The solution of the first problem is to find a correct order of moves that accounts for cycles and use an extra register to implement said cycles. The second problem can be solved by replacing the standard mv instruction by stores and loads as appropriate when one of the operand is in memory. Two functions in SmartAllocation.py allow to deal with these issues. sequentialize\_moves takes an extra register and a set of moves *on registers or memory locations*, and return a correct sequence of instructions, using the extra register to implement swaps if necessary. generate\_smart\_move takes a destination and a source that might be registers or memories and return a sequence of instruction implementing the assignment.

- 1. Write on paper the sequence of instructions to implement the example above after allocation and SSA exit.
- 2. Complete the implementation of generate\_smart\_move. Be mindful of the 4 potential cases: either the source and destination are both registers, both memory, one is register and the other memory, or the opposite.
- 3. Rewrite your original implementation of generate\_moves\_from\_phis to implement SSA exit with allocation. First generate a set of (dest,src) moves (there can be both registers or memory locations in the pairs) to provide to sequentialize\_moves, then use generate\_smart\_move to generate the desired list of instructions.

#### EXERCISE #5 ► Massive tests

Test your implementation on all test files you have. For that purpose, make tests SSA=1 runs your compiler on the whole test suite, while make tests-smart SSA=1 only runs it on tests from lab 5 (this is less thorough but faster).
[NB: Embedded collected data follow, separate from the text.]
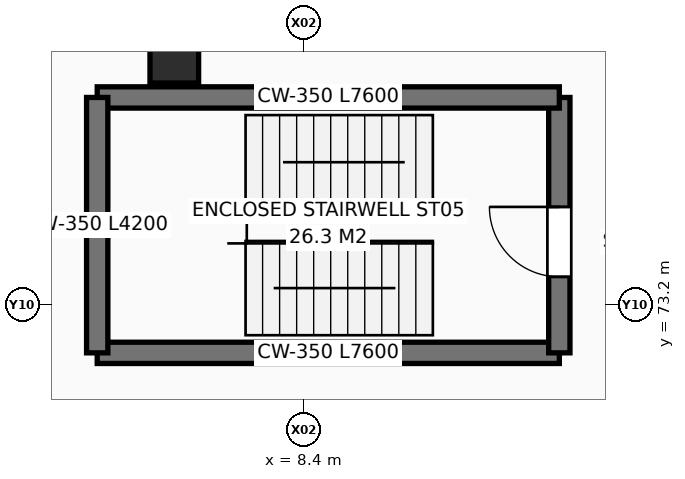
"""IFC4 building model, lengths in metres.
Left out: names, types, materials, properties, quantities, classifications, styles, units other than length and angle.
Written with IfcOpenShell. Run it as: python <this file> out.ifc"""

import sys

from ifc_helpers import new_model, si_unit, direction, frame, frame_2d, origin, origin_2d, place, context, subcontext, project, spatial, rectangle, circle, extrude, element, fill, save


model = new_model("IFC4")
c1 = context("Model", 3, precision=1e-05, world=origin(), true_north=direction((0.0, 1.0)))
c2 = subcontext(c1, "Body", "Model", "MODEL_VIEW")
j1 = project(units=[si_unit("LENGTHUNIT", "METRE"), si_unit("PLANEANGLEUNIT", "RADIAN")], contexts=[c1])
p1 = place(None, origin())
s1 = spatial("IfcSite", under=j1, at=p1, CompositionType="ELEMENT")
p2 = place(p1, origin())
s2 = spatial("IfcBuilding", under=s1, at=p2, CompositionType="ELEMENT")
p3 = place(p2, frame((0.0, 0.0, -4.2)))
s3 = spatial("IfcBuildingStorey", under=s2, at=p3, CompositionType="ELEMENT", Elevation=-4.2)
p4 = place(p3, frame((6.268, 77.237, 0.0), z_axis=(0.0, 0.0, 1.0), x_axis=(1.0, 0.0, 0.0)))
e1 = element("IfcColumn", 1, at=p4, inside=s3, PredefinedType="COLUMN", context=c2, shape_type="SweptSolid", body=[
    extrude(circle(Radius=0.4, at=origin_2d()), origin(), (0.0, 0.0, 1.0), 4.2),
])
p5 = place(p3, frame((3.233, 72.002, 0.0), z_axis=(0.0, 0.0, 1.0), x_axis=(0.707085031082, -0.707128530622, 0.0)))
e2 = element("IfcWall", 2, at=p5, inside=s3, PredefinedType="SOLIDWALL", context=c2, shape_type="SweptSolid", body=[
    extrude(rectangle(XDim=5.613, YDim=0.52, at=frame_2d((2.806, 0.0))), origin(), (0.0, 0.0, 1.0), 3.88),
])
p6 = place(p3, frame((5.0, 72.4, 0.0), z_axis=(0.0, 0.0, 1.0), x_axis=(1.0, 0.0, 0.0)))
e3 = element("IfcWall", 3, at=p6, inside=s3, PredefinedType="SHEAR", context=c2, shape_type="SweptSolid", body=[
    extrude(rectangle(XDim=7.6, YDim=0.35, at=frame_2d((3.8, 0.0))), origin(), (0.0, 0.0, 1.0), 3.92),
])
p7 = place(p3, frame((12.6, 72.4, 0.0), z_axis=(0.0, 0.0, 1.0), x_axis=(0.0, 1.0, 0.0)))
e4 = element("IfcWall", 4, at=p7, inside=s3, PredefinedType="SHEAR", context=c2, shape_type="SweptSolid", body=[
    extrude(rectangle(XDim=4.2, YDim=0.35, at=frame_2d((2.1, 0.0))), origin(), (0.0, 0.0, 1.0), 3.92),
])
p8 = place(p7, frame((1.25, 0.0, 0.0)))
e5 = element("IfcOpeningElement", 5, at=p8, cuts=e4, PredefinedType="OPENING", context=c2, shape_type="SweptSolid", body=[
    extrude(rectangle(XDim=1.15, YDim=2.2, at=frame_2d((0.575, 1.1))), frame((0.0, 0.185, 0.0), z_axis=(0.0, -1.0, 0.0), x_axis=(1.0, 0.0, 0.0)), (0.0, 0.0, 1.0), 0.37),
])
p9 = place(p3, frame((12.6, 76.6, 0.0), z_axis=(0.0, 0.0, 1.0), x_axis=(-1.0, 0.0, 0.0)))
e6 = element("IfcWall", 6, at=p9, inside=s3, PredefinedType="SHEAR", context=c2, shape_type="SweptSolid", body=[
    extrude(rectangle(XDim=7.6, YDim=0.35, at=frame_2d((3.8, 0.0))), origin(), (0.0, 0.0, 1.0), 3.92),
])
p10 = place(p3, frame((5.0, 76.6, 0.0), z_axis=(0.0, 0.0, 1.0), x_axis=(0.0, -1.0, 0.0)))
e7 = element("IfcWall", 7, at=p10, inside=s3, PredefinedType="SHEAR", context=c2, shape_type="SweptSolid", body=[
    extrude(rectangle(XDim=4.2, YDim=0.35, at=frame_2d((2.1, 0.0))), origin(), (0.0, 0.0, 1.0), 3.92),
])
p11 = place(p8, origin())
e8 = element("IfcDoor", 8, at=p11, inside=s3, OperationType="SINGLE_SWING_RIGHT", PredefinedType="DOOR", context=c2, shape_type="SweptSolid", body=[
    extrude(rectangle(XDim=1.15, YDim=2.2, at=frame_2d((0.575, 1.1))), frame((0.0, 0.025, 0.0), z_axis=(0.0, -1.0, 0.0), x_axis=(1.0, 0.0, 0.0)), (0.0, 0.0, 1.0), 0.05),
])
fill(e5, e8)
save(model, sys.argv[1])

Make sure no debug output (print\_dot...) is printed when options --debug, --graphs and --ssa-graphs are not given. In particular, we do not want any pdf file to be opened when we will use make tests SSA=1 on your delivered code.

Do not forget to check that your test suite has a good coverage of the files relevant to Lab 5. To see detailed information on coverage, open htmlcov/index.html in your web browser after a run of make tests SSA=1.

## 5.4 Final delivery

We recall that your work is **personal** and code copy is **strictly forbidden**.

## EXERCISE #6 ► Archive

Labs 5a and 5b are due on the course's webpage

```
https://etudes.ens-lyon.fr/course/view.php?id=4814
```

Python code and C testcases will be graded. Late deliveries will get a heavy penalty, and deliveries more than one hour late will not be accepted.

Type make tar to obtain the archive to send (change your name in the Makefile before!). Your archive must also contain tests (TESTS!) and a (minimal) README-SSA.md with your name, the functionality of the code, how to use it, your design choices if any, the bonus you implemented, and known bugs.